Entendi, por fim, que era a hora de avaliar o que havia sido e, em minha vã esperança, do que seria após aquele momento de provação. Não consegui me lembrar das escrituras do livro. Não conseguia me lembrar mais das pessoas, tudo que existia era o que eu sentia, pensava e acreditava. Minha fé, sim, ela estava lá. Forte e resistente como uma caixa forte. Talvez esse tenha sido o problema, ela estava tão bem guardada que não consegui abrir a caixa a tempo.
A única saída era confrontar os meus medos.
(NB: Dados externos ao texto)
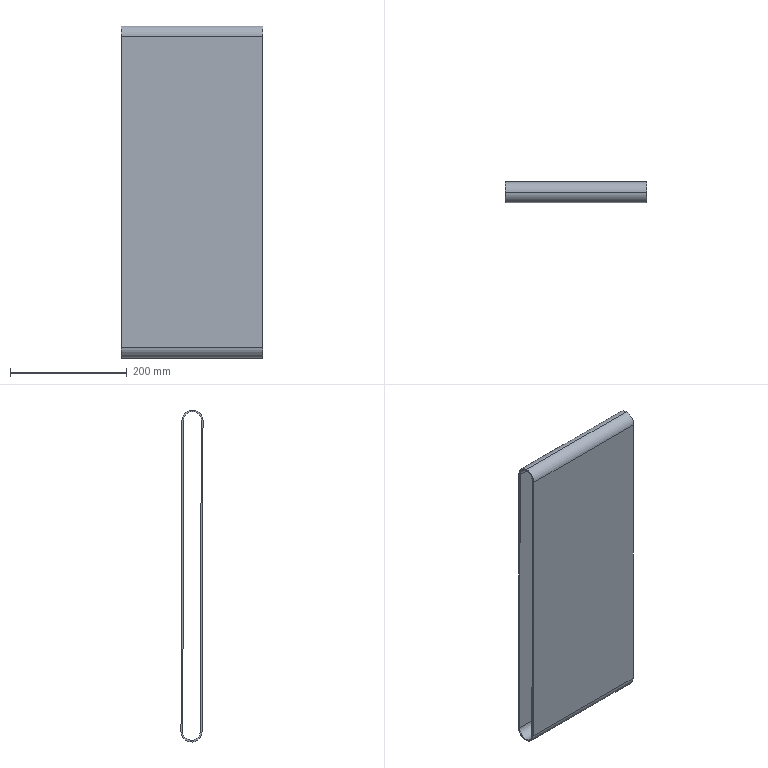Component | SolidWorks | Part7-1 | 1 solid | 12 faces | box 242 x 37.75 x 568.56 mm | volume 848551 mm3 | cylinder 6 | plane 6 | commonest cylinder face diameters 30 x3 36 x3
build123d program:
from build123d import *

# Parameters (mm, degrees)
EXTRUDE_THIN1_DEPTH = 121


with BuildPart() as part:
    # Sketch1 → Extrude-Thin1 (new, symmetric)
    with BuildSketch(Plane.XY):
        with BuildLine():
            Line((2289.339, 197.876), (1756.777, 196.124))
            ThreePointArc((1756.777, 196.124), (1738.718, 214.065), (1756.658, 232.124))
            Line((1756.658, 232.124), (2289.22, 233.876))
            ThreePointArc((2289.22, 233.876), (2307.279, 215.935), (2289.339, 197.876))
        make_face()
        with BuildLine():
            Line((2289.329, 200.876), (1756.767, 199.124))
            ThreePointArc((1756.767, 199.124), (1741.718, 214.075), (1756.668, 229.124))
            Line((1756.668, 229.124), (2289.23, 230.876))
            ThreePointArc((2289.23, 230.876), (2304.279, 215.925), (2289.329, 200.876))
        make_face(mode=Mode.SUBTRACT)
    extrude(amount=EXTRUDE_THIN1_DEPTH, both=True)


solid = part.part

# Placed as in the assembly
solid = solid.moved(Location((0, 0, -143.093), (0, 90, 0)))
STEP:
#1=CARTESIAN_POINT('',(4.764,9.021,-74.794));
#2=VERTEX_POINT('',#1);
#3=CARTESIAN_POINT('',(4.764,8.43,-74.205));
#4=VERTEX_POINT('',#3);
#5=CARTESIAN_POINT('',(4.764,8.43,-74.796));
#6=DIRECTION('',(1.,0.,0.));
#7=DIRECTION('',(0.,0.,-1.));
#8=AXIS2_PLACEMENT_3D('',#5,#6,#7);
#9=CIRCLE('',#8,0.5906);
#10=EDGE_CURVE('',#2,#4,#9,.T.);
#11=ORIENTED_EDGE('',*,*,#10,.T.);
#12=CARTESIAN_POINT('',(-4.764,8.43,-74.205));
#13=VERTEX_POINT('',#12);
#14=CARTESIAN_POINT('',(4.764,8.43,-74.205));
#15=DIRECTION('',(-1.,0.,0.));
#16=VECTOR('',#15,39.37);
#17=LINE('',#14,#16);
#18=EDGE_CURVE('',#4,#13,#17,.T.);
#19=ORIENTED_EDGE('',*,*,#18,.T.);
#20=CARTESIAN_POINT('',(-4.764,9.021,-74.794));
#21=VERTEX_POINT('',#20);
#22=CARTESIAN_POINT('',(-4.764,8.43,-74.796));
#23=DIRECTION('',(1.,0.,0.));
#24=DIRECTION('',(0.,0.,-1.));
#25=AXIS2_PLACEMENT_3D('',#22,#23,#24);
#26=CIRCLE('',#25,0.5906);
#27=EDGE_CURVE('',#21,#13,#26,.T.);
#28=ORIENTED_EDGE('',*,*,#27,.F.);
#29=CARTESIAN_POINT('',(4.764,9.021,-74.794));
#30=DIRECTION('',(-1.,0.,0.));
#31=VECTOR('',#30,39.37);
#32=LINE('',#29,#31);
#33=EDGE_CURVE('',#2,#21,#32,.T.);
#34=ORIENTED_EDGE('',*,*,#33,.F.);
#35=EDGE_LOOP('',(#11,#19,#28,#34));
#36=FACE_OUTER_BOUND('',#35,.T.);
#37=CARTESIAN_POINT('',(4.764,8.43,-74.796));
#38=DIRECTION('',(-1.,0.,0.));
#39=DIRECTION('',(0.,0.,1.));
#40=AXIS2_PLACEMENT_3D('',#37,#38,#39);
#41=CYLINDRICAL_SURFACE('',#40,0.5906);
#42=ADVANCED_FACE('',(#36),#41,.F.);
#43=CARTESIAN_POINT('',(4.764,8.43,-74.087));
#44=VERTEX_POINT('',#43);
#45=CARTESIAN_POINT('',(4.764,7.721,-74.798));
#46=VERTEX_POINT('',#45);
#47=CARTESIAN_POINT('',(4.764,8.43,-74.796));
#48=DIRECTION('',(1.,0.,0.));
#49=DIRECTION('',(0.,0.,-1.));
#50=AXIS2_PLACEMENT_3D('',#47,#48,#49);
#51=CIRCLE('',#50,0.7087);
#52=EDGE_CURVE('',#44,#46,#51,.T.);
#53=ORIENTED_EDGE('',*,*,#52,.F.);
#54=CARTESIAN_POINT('',(-4.764,8.43,-74.087));
#55=VERTEX_POINT('',#54);
#56=CARTESIAN_POINT('',(4.764,8.43,-74.087));
#57=DIRECTION('',(-1.,0.,0.));
#58=VECTOR('',#57,39.37);
#59=LINE('',#56,#58);
#60=EDGE_CURVE('',#44,#55,#59,.T.);
#61=ORIENTED_EDGE('',*,*,#60,.T.);
#62=CARTESIAN_POINT('',(-4.764,7.721,-74.798));
#63=VERTEX_POINT('',#62);
#64=CARTESIAN_POINT('',(-4.764,8.43,-74.796));
#65=DIRECTION('',(1.,0.,0.));
#66=DIRECTION('',(0.,0.,-1.));
#67=AXIS2_PLACEMENT_3D('',#64,#65,#66);
#68=CIRCLE('',#67,0.7087);
#69=EDGE_CURVE('',#55,#63,#68,.T.);
#70=ORIENTED_EDGE('',*,*,#69,.T.);
#71=CARTESIAN_POINT('',(4.764,7.721,-74.798));
#72=DIRECTION('',(-1.,0.,0.));
#73=VECTOR('',#72,39.37);
#74=LINE('',#71,#73);
#75=EDGE_CURVE('',#46,#63,#74,.T.);
#76=ORIENTED_EDGE('',*,*,#75,.F.);
#77=EDGE_LOOP('',(#53,#61,#70,#76));
#78=FACE_OUTER_BOUND('',#77,.T.);
#79=CARTESIAN_POINT('',(4.764,8.43,-74.796));
#80=DIRECTION('',(-1.,0.,0.));
#81=DIRECTION('',(0.,0.,1.));
#82=AXIS2_PLACEMENT_3D('',#79,#80,#81);
#83=CYLINDRICAL_SURFACE('',#82,0.7087);
#84=ADVANCED_FACE('',(#78),#83,.T.);
#85=CARTESIAN_POINT('',(-4.764,7.79,-95.765));
#86=VERTEX_POINT('',#85);
#87=CARTESIAN_POINT('',(-4.764,7.494,-5.609));
#88=DIRECTION('',(0.,-0.003289,1.));
#89=VECTOR('',#88,39.37);
#90=LINE('',#87,#89);
#91=EDGE_CURVE('',#86,#63,#90,.T.);
#92=ORIENTED_EDGE('',*,*,#91,.F.);
#93=CARTESIAN_POINT('',(4.764,7.79,-95.765));
#94=VERTEX_POINT('',#93);
#95=CARTESIAN_POINT('',(4.764,7.79,-95.765));
#96=DIRECTION('',(-1.,0.,0.));
#97=VECTOR('',#96,39.37);
#98=LINE('',#95,#97);
#99=EDGE_CURVE('',#94,#86,#98,.T.);
#100=ORIENTED_EDGE('',*,*,#99,.F.);
#101=CARTESIAN_POINT('',(4.764,7.494,-5.609));
#102=DIRECTION('',(0.,-0.003289,1.));
#103=VECTOR('',#102,39.37);
#104=LINE('',#101,#103);
#105=EDGE_CURVE('',#94,#46,#104,.T.);
#106=ORIENTED_EDGE('',*,*,#105,.T.);
#107=ORIENTED_EDGE('',*,*,#75,.T.);
#108=EDGE_LOOP('',(#92,#100,#106,#107));
#109=FACE_OUTER_BOUND('',#108,.T.);
#110=CARTESIAN_POINT('',(4.764,7.494,-5.609));
#111=DIRECTION('',(0.,-1.,-0.003289));
#112=DIRECTION('',(0.,0.003289,-1.));
#113=AXIS2_PLACEMENT_3D('',#110,#111,#112);
#114=PLANE('',#113);
#115=ADVANCED_FACE('',(#109),#114,.T.);
#116=CARTESIAN_POINT('',(-4.764,9.208,-95.76));
#117=VERTEX_POINT('',#116);
#118=CARTESIAN_POINT('',(-4.764,8.499,-95.763));
#119=DIRECTION('',(1.,0.,0.));
#120=DIRECTION('',(0.,0.,-1.));
#121=AXIS2_PLACEMENT_3D('',#118,#119,#120);
#122=CIRCLE('',#121,0.7087);
#123=EDGE_CURVE('',#86,#117,#122,.T.);
#124=ORIENTED_EDGE('',*,*,#123,.T.);
#125=CARTESIAN_POINT('',(4.764,9.208,-95.76));
#126=VERTEX_POINT('',#125);
#127=CARTESIAN_POINT('',(4.764,9.208,-95.76));
#128=DIRECTION('',(-1.,0.,0.));
#129=VECTOR('',#128,39.37);
#130=LINE('',#127,#129);
#131=EDGE_CURVE('',#126,#117,#130,.T.);
#132=ORIENTED_EDGE('',*,*,#131,.F.);
#133=CARTESIAN_POINT('',(4.764,8.499,-95.763));
#134=DIRECTION('',(1.,0.,0.));
#135=DIRECTION('',(0.,0.,-1.));
#136=AXIS2_PLACEMENT_3D('',#133,#134,#135);
#137=CIRCLE('',#136,0.7087);
#138=EDGE_CURVE('',#94,#126,#137,.T.);
#139=ORIENTED_EDGE('',*,*,#138,.F.);
#140=ORIENTED_EDGE('',*,*,#99,.T.);
#141=EDGE_LOOP('',(#124,#132,#139,#140));
#142=FACE_OUTER_BOUND('',#141,.T.);
#143=CARTESIAN_POINT('',(4.764,8.499,-95.763));
#144=DIRECTION('',(-1.,0.,0.));
#145=DIRECTION('',(0.,0.,1.));
#146=AXIS2_PLACEMENT_3D('',#143,#144,#145);
#147=CYLINDRICAL_SURFACE('',#146,0.7087);
#148=ADVANCED_FACE('',(#142),#147,.T.);
#149=CARTESIAN_POINT('',(-4.764,9.139,-74.793));
#150=VERTEX_POINT('',#149);
#151=CARTESIAN_POINT('',(-4.764,8.911,-5.604));
#152=DIRECTION('',(0.,0.003289,-1.));
#153=VECTOR('',#152,39.37);
#154=LINE('',#151,#153);
#155=EDGE_CURVE('',#150,#117,#154,.T.);
#156=ORIENTED_EDGE('',*,*,#155,.F.);
#157=CARTESIAN_POINT('',(4.764,9.139,-74.793));
#158=VERTEX_POINT('',#157);
#159=CARTESIAN_POINT('',(4.764,9.139,-74.793));
#160=DIRECTION('',(-1.,0.,0.));
#161=VECTOR('',#160,39.37);
#162=LINE('',#159,#161);
#163=EDGE_CURVE('',#158,#150,#162,.T.);
#164=ORIENTED_EDGE('',*,*,#163,.F.);
#165=CARTESIAN_POINT('',(4.764,8.911,-5.604));
#166=DIRECTION('',(0.,0.003289,-1.));
#167=VECTOR('',#166,39.37);
#168=LINE('',#165,#167);
#169=EDGE_CURVE('',#158,#126,#168,.T.);
#170=ORIENTED_EDGE('',*,*,#169,.T.);
#171=ORIENTED_EDGE('',*,*,#131,.T.);
#172=EDGE_LOOP('',(#156,#164,#170,#171));
#173=FACE_OUTER_BOUND('',#172,.T.);
#174=CARTESIAN_POINT('',(4.764,8.911,-5.604));
#175=DIRECTION('',(0.,1.,0.003289));
#176=DIRECTION('',(0.,-0.003289,1.));
#177=AXIS2_PLACEMENT_3D('',#174,#175,#176);
#178=PLANE('',#177);
#179=ADVANCED_FACE('',(#173),#178,.T.);
#180=ORIENTED_EDGE('',*,*,#60,.F.);
#181=CARTESIAN_POINT('',(4.764,8.43,-74.796));
#182=DIRECTION('',(1.,0.,0.));
#183=DIRECTION('',(0.,0.,-1.));
#184=AXIS2_PLACEMENT_3D('',#181,#182,#183);
#185=CIRCLE('',#184,0.7087);
#186=EDGE_CURVE('',#158,#44,#185,.T.);
#187=ORIENTED_EDGE('',*,*,#186,.F.);
#188=ORIENTED_EDGE('',*,*,#163,.T.);
#189=CARTESIAN_POINT('',(-4.764,8.43,-74.796));
#190=DIRECTION('',(1.,0.,0.));
#191=DIRECTION('',(0.,0.,-1.));
#192=AXIS2_PLACEMENT_3D('',#189,#190,#191);
#193=CIRCLE('',#192,0.7087);
#194=EDGE_CURVE('',#150,#55,#193,.T.);
#195=ORIENTED_EDGE('',*,*,#194,.T.);
#196=EDGE_LOOP('',(#180,#187,#188,#195));
#197=FACE_OUTER_BOUND('',#196,.T.);
#198=CARTESIAN_POINT('',(4.764,8.43,-74.796));
#199=DIRECTION('',(-1.,0.,0.));
#200=DIRECTION('',(0.,0.,1.));
#201=AXIS2_PLACEMENT_3D('',#198,#199,#200);
#202=CYLINDRICAL_SURFACE('',#201,0.7087);
#203=ADVANCED_FACE('',(#197),#202,.T.);
#204=CARTESIAN_POINT('',(4.764,7.909,-95.765));
#205=VERTEX_POINT('',#204);
#206=CARTESIAN_POINT('',(4.764,7.84,-74.798));
#207=VERTEX_POINT('',#206);
#208=CARTESIAN_POINT('',(4.764,7.612,-5.609));
#209=DIRECTION('',(0.,-0.003289,1.));
#210=VECTOR('',#209,39.37);
#211=LINE('',#208,#210);
#212=EDGE_CURVE('',#205,#207,#211,.T.);
#213=ORIENTED_EDGE('',*,*,#212,.T.);
#214=CARTESIAN_POINT('',(4.764,8.43,-74.796));
#215=DIRECTION('',(1.,0.,0.));
#216=DIRECTION('',(0.,0.,-1.));
#217=AXIS2_PLACEMENT_3D('',#214,#215,#216);
#218=CIRCLE('',#217,0.5906);
#219=EDGE_CURVE('',#4,#207,#218,.T.);
#220=ORIENTED_EDGE('',*,*,#219,.F.);
#221=ORIENTED_EDGE('',*,*,#10,.F.);
#222=CARTESIAN_POINT('',(4.764,9.09,-95.761));
#223=VERTEX_POINT('',#222);
#224=CARTESIAN_POINT('',(4.764,8.793,-5.605));
#225=DIRECTION('',(0.,0.003289,-1.));
#226=VECTOR('',#225,39.37);
#227=LINE('',#224,#226);
#228=EDGE_CURVE('',#2,#223,#227,.T.);
#229=ORIENTED_EDGE('',*,*,#228,.T.);
#230=CARTESIAN_POINT('',(4.764,8.499,-95.763));
#231=DIRECTION('',(1.,0.,0.));
#232=DIRECTION('',(0.,0.,-1.));
#233=AXIS2_PLACEMENT_3D('',#230,#231,#232);
#234=CIRCLE('',#233,0.5906);
#235=EDGE_CURVE('',#205,#223,#234,.T.);
#236=ORIENTED_EDGE('',*,*,#235,.F.);
#237=EDGE_LOOP('',(#213,#220,#221,#229,#236));
#238=FACE_BOUND('',#237,.T.);
#239=ORIENTED_EDGE('',*,*,#105,.F.);
#240=ORIENTED_EDGE('',*,*,#138,.T.);
#241=ORIENTED_EDGE('',*,*,#169,.F.);
#242=ORIENTED_EDGE('',*,*,#186,.T.);
#243=ORIENTED_EDGE('',*,*,#52,.T.);
#244=EDGE_LOOP('',(#239,#240,#241,#242,#243));
#245=FACE_OUTER_BOUND('',#244,.T.);
#246=CARTESIAN_POINT('',(4.764,8.43,-74.796));
#247=DIRECTION('',(1.,0.,0.));
#248=DIRECTION('',(0.,0.,-1.));
#249=AXIS2_PLACEMENT_3D('',#246,#247,#248);
#250=PLANE('',#249);
#251=ADVANCED_FACE('',(#238,#245),#250,.T.);
#252=ORIENTED_EDGE('',*,*,#27,.T.);
#253=CARTESIAN_POINT('',(-4.764,7.84,-74.798));
#254=VERTEX_POINT('',#253);
#255=CARTESIAN_POINT('',(-4.764,8.43,-74.796));
#256=DIRECTION('',(1.,0.,0.));
#257=DIRECTION('',(0.,0.,-1.));
#258=AXIS2_PLACEMENT_3D('',#255,#256,#257);
#259=CIRCLE('',#258,0.5906);
#260=EDGE_CURVE('',#13,#254,#259,.T.);
#261=ORIENTED_EDGE('',*,*,#260,.T.);
#262=CARTESIAN_POINT('',(-4.764,7.909,-95.765));
#263=VERTEX_POINT('',#262);
#264=CARTESIAN_POINT('',(-4.764,7.612,-5.609));
#265=DIRECTION('',(0.,-0.003289,1.));
#266=VECTOR('',#265,39.37);
#267=LINE('',#264,#266);
#268=EDGE_CURVE('',#263,#254,#267,.T.);
#269=ORIENTED_EDGE('',*,*,#268,.F.);
#270=CARTESIAN_POINT('',(-4.764,9.09,-95.761));
#271=VERTEX_POINT('',#270);
#272=CARTESIAN_POINT('',(-4.764,8.499,-95.763));
#273=DIRECTION('',(1.,0.,0.));
#274=DIRECTION('',(0.,0.,-1.));
#275=AXIS2_PLACEMENT_3D('',#272,#273,#274);
#276=CIRCLE('',#275,0.5906);
#277=EDGE_CURVE('',#263,#271,#276,.T.);
#278=ORIENTED_EDGE('',*,*,#277,.T.);
#279=CARTESIAN_POINT('',(-4.764,8.793,-5.605));
#280=DIRECTION('',(0.,0.003289,-1.));
#281=VECTOR('',#280,39.37);
#282=LINE('',#279,#281);
#283=EDGE_CURVE('',#21,#271,#282,.T.);
#284=ORIENTED_EDGE('',*,*,#283,.F.);
#285=EDGE_LOOP('',(#252,#261,#269,#278,#284));
#286=FACE_BOUND('',#285,.T.);
#287=ORIENTED_EDGE('',*,*,#91,.T.);
#288=ORIENTED_EDGE('',*,*,#69,.F.);
#289=ORIENTED_EDGE('',*,*,#194,.F.);
#290=ORIENTED_EDGE('',*,*,#155,.T.);
#291=ORIENTED_EDGE('',*,*,#123,.F.);
#292=EDGE_LOOP('',(#287,#288,#289,#290,#291));
#293=FACE_OUTER_BOUND('',#292,.T.);
#294=CARTESIAN_POINT('',(-4.764,8.43,-74.796));
#295=DIRECTION('',(1.,0.,0.));
#296=DIRECTION('',(0.,0.,-1.));
#297=AXIS2_PLACEMENT_3D('',#294,#295,#296);
#298=PLANE('',#297);
#299=ADVANCED_FACE('',(#286,#293),#298,.F.);
#300=ORIENTED_EDGE('',*,*,#268,.T.);
#301=CARTESIAN_POINT('',(4.764,7.84,-74.798));
#302=DIRECTION('',(-1.,0.,0.));
#303=VECTOR('',#302,39.37);
#304=LINE('',#301,#303);
#305=EDGE_CURVE('',#207,#254,#304,.T.);
#306=ORIENTED_EDGE('',*,*,#305,.F.);
#307=ORIENTED_EDGE('',*,*,#212,.F.);
#308=CARTESIAN_POINT('',(4.764,7.909,-95.765));
#309=DIRECTION('',(-1.,0.,0.));
#310=VECTOR('',#309,39.37);
#311=LINE('',#308,#310);
#312=EDGE_CURVE('',#205,#263,#311,.T.);
#313=ORIENTED_EDGE('',*,*,#312,.T.);
#314=EDGE_LOOP('',(#300,#306,#307,#313));
#315=FACE_OUTER_BOUND('',#314,.T.);
#316=CARTESIAN_POINT('',(4.764,7.612,-5.609));
#317=DIRECTION('',(0.,-1.,-0.003289));
#318=DIRECTION('',(0.,0.003289,-1.));
#319=AXIS2_PLACEMENT_3D('',#316,#317,#318);
#320=PLANE('',#319);
#321=ADVANCED_FACE('',(#315),#320,.F.);
#322=ORIENTED_EDGE('',*,*,#277,.F.);
#323=ORIENTED_EDGE('',*,*,#312,.F.);
#324=ORIENTED_EDGE('',*,*,#235,.T.);
#325=CARTESIAN_POINT('',(4.764,9.09,-95.761));
#326=DIRECTION('',(-1.,0.,0.));
#327=VECTOR('',#326,39.37);
#328=LINE('',#325,#327);
#329=EDGE_CURVE('',#223,#271,#328,.T.);
#330=ORIENTED_EDGE('',*,*,#329,.T.);
#331=EDGE_LOOP('',(#322,#323,#324,#330));
#332=FACE_OUTER_BOUND('',#331,.T.);
#333=CARTESIAN_POINT('',(4.764,8.499,-95.763));
#334=DIRECTION('',(-1.,0.,0.));
#335=DIRECTION('',(0.,0.,1.));
#336=AXIS2_PLACEMENT_3D('',#333,#334,#335);
#337=CYLINDRICAL_SURFACE('',#336,0.5906);
#338=ADVANCED_FACE('',(#332),#337,.F.);
#339=ORIENTED_EDGE('',*,*,#283,.T.);
#340=ORIENTED_EDGE('',*,*,#329,.F.);
#341=ORIENTED_EDGE('',*,*,#228,.F.);
#342=ORIENTED_EDGE('',*,*,#33,.T.);
#343=EDGE_LOOP('',(#339,#340,#341,#342));
#344=FACE_OUTER_BOUND('',#343,.T.);
#345=CARTESIAN_POINT('',(4.764,8.793,-5.605));
#346=DIRECTION('',(0.,1.,0.003289));
#347=DIRECTION('',(0.,-0.003289,1.));
#348=AXIS2_PLACEMENT_3D('',#345,#346,#347);
#349=PLANE('',#348);
#350=ADVANCED_FACE('',(#344),#349,.F.);
#351=ORIENTED_EDGE('',*,*,#18,.F.);
#352=ORIENTED_EDGE('',*,*,#219,.T.);
#353=ORIENTED_EDGE('',*,*,#305,.T.);
#354=ORIENTED_EDGE('',*,*,#260,.F.);
#355=EDGE_LOOP('',(#351,#352,#353,#354));
#356=FACE_OUTER_BOUND('',#355,.T.);
#357=CARTESIAN_POINT('',(4.764,8.43,-74.796));
#358=DIRECTION('',(-1.,0.,0.));
#359=DIRECTION('',(0.,0.,1.));
#360=AXIS2_PLACEMENT_3D('',#357,#358,#359);
#361=CYLINDRICAL_SURFACE('',#360,0.5906);
#362=ADVANCED_FACE('',(#356),#361,.F.);
#363=CLOSED_SHELL('',(#42,#84,#115,#148,#179,#203,#251,#299,#321,#338,#350,#362));
#364=MANIFOLD_SOLID_BREP('',#363);
#365=CARTESIAN_POINT('',(0.,0.,0.));
#366=DIRECTION('',(0.,0.,1.));
#367=DIRECTION('',(1.,0.,0.));
#368=AXIS2_PLACEMENT_3D('',#365,#366,#367);
#369=(LENGTH_UNIT()NAMED_UNIT(*)SI_UNIT($,.METRE.));
#370=LENGTH_MEASURE_WITH_UNIT(LENGTH_MEASURE(0.0254),#369);
#371=DIMENSIONAL_EXPONENTS(1.,0.,0.,0.,0.,0.,0.);
#372=(CONVERSION_BASED_UNIT('',#370)LENGTH_UNIT()NAMED_UNIT(#371));
#373=UNCERTAINTY_MEASURE_WITH_UNIT(LENGTH_MEASURE(0.00001),#372,'','');
#374=(NAMED_UNIT(*)PLANE_ANGLE_UNIT()SI_UNIT($,.RADIAN.));
#375=(NAMED_UNIT(*)SI_UNIT($,.STERADIAN.)SOLID_ANGLE_UNIT());
#376=(GEOMETRIC_REPRESENTATION_CONTEXT(3)GLOBAL_UNCERTAINTY_ASSIGNED_CONTEXT((#373))GLOBAL_UNIT_ASSIGNED_CONTEXT((#372,#374,#375))REPRESENTATION_CONTEXT('',''));
#377=ADVANCED_BREP_SHAPE_REPRESENTATION('',(#364,#368),#376);
#378=COLOUR_RGB('',0.7922,0.8196,0.9333);
#379=FILL_AREA_STYLE_COLOUR('',#378);
#380=FILL_AREA_STYLE('',(#379));
#381=SURFACE_STYLE_FILL_AREA(#380);
#382=SURFACE_SIDE_STYLE('',(#381));
#383=SURFACE_STYLE_USAGE(.BOTH.,#382);
#384=PRESENTATION_STYLE_ASSIGNMENT((#383));
#385=STYLED_ITEM('',(#384),#364);
#386=PRESENTATION_LAYER_ASSIGNMENT('','',(#385));
#387=(LENGTH_UNIT()NAMED_UNIT(*)SI_UNIT($,.METRE.));
#388=LENGTH_MEASURE_WITH_UNIT(LENGTH_MEASURE(0.0254),#387);
#389=DIMENSIONAL_EXPONENTS(1.,0.,0.,0.,0.,0.,0.);
#390=(CONVERSION_BASED_UNIT('',#388)LENGTH_UNIT()NAMED_UNIT(#389));
#391=UNCERTAINTY_MEASURE_WITH_UNIT(LENGTH_MEASURE(0.00001),#390,'','');
#392=(NAMED_UNIT(*)PLANE_ANGLE_UNIT()SI_UNIT($,.RADIAN.));
#393=(NAMED_UNIT(*)SI_UNIT($,.STERADIAN.)SOLID_ANGLE_UNIT());
#394=(GEOMETRIC_REPRESENTATION_CONTEXT(3)GLOBAL_UNCERTAINTY_ASSIGNED_CONTEXT((#391))GLOBAL_UNIT_ASSIGNED_CONTEXT((#390,#392,#393))REPRESENTATION_CONTEXT('',''));
#395=MECHANICAL_DESIGN_GEOMETRIC_PRESENTATION_REPRESENTATION('',(#385),#394);

Diretamente, sem nenhuma arma ou escudo. Todas as faces surgiram, as vozes, a cruz, as sombras. Tudo estava junto e, o que pareceu uma eternidade e deve ter ocorrido em instantes, como em toda boa história dramática, passou e, de alguma maneira, minha decisão havia sido tomada. Eu nem sabia ao certo qual era ela e sobre o que tinha que decidir, mas tinha feito.
Continuei naquela espécie de limbo, imaginando o que viria a seguir. Mas nenhuma maravilha aconteceu. Nem mesmo aquele arquiinimigo surgiu pelas costas me apunhalando, ou tentando sugar minha essência. Não era um enviado das sombras, nem mesmo um reles ladrão comum que decidiu invadir esta pobre casa.
Era o meu julgamento. A hora de por à prova tudo que acreditei durante minha vida. Um momento só meu, e havia passado.
Fechei os olhos. Para não mais abrir. Não naquele lugar. Não contra aqueles inimigos.
E ainda sem saber ao certo, qual fora minha decisão. A noite caiu e com ela, a escuridão.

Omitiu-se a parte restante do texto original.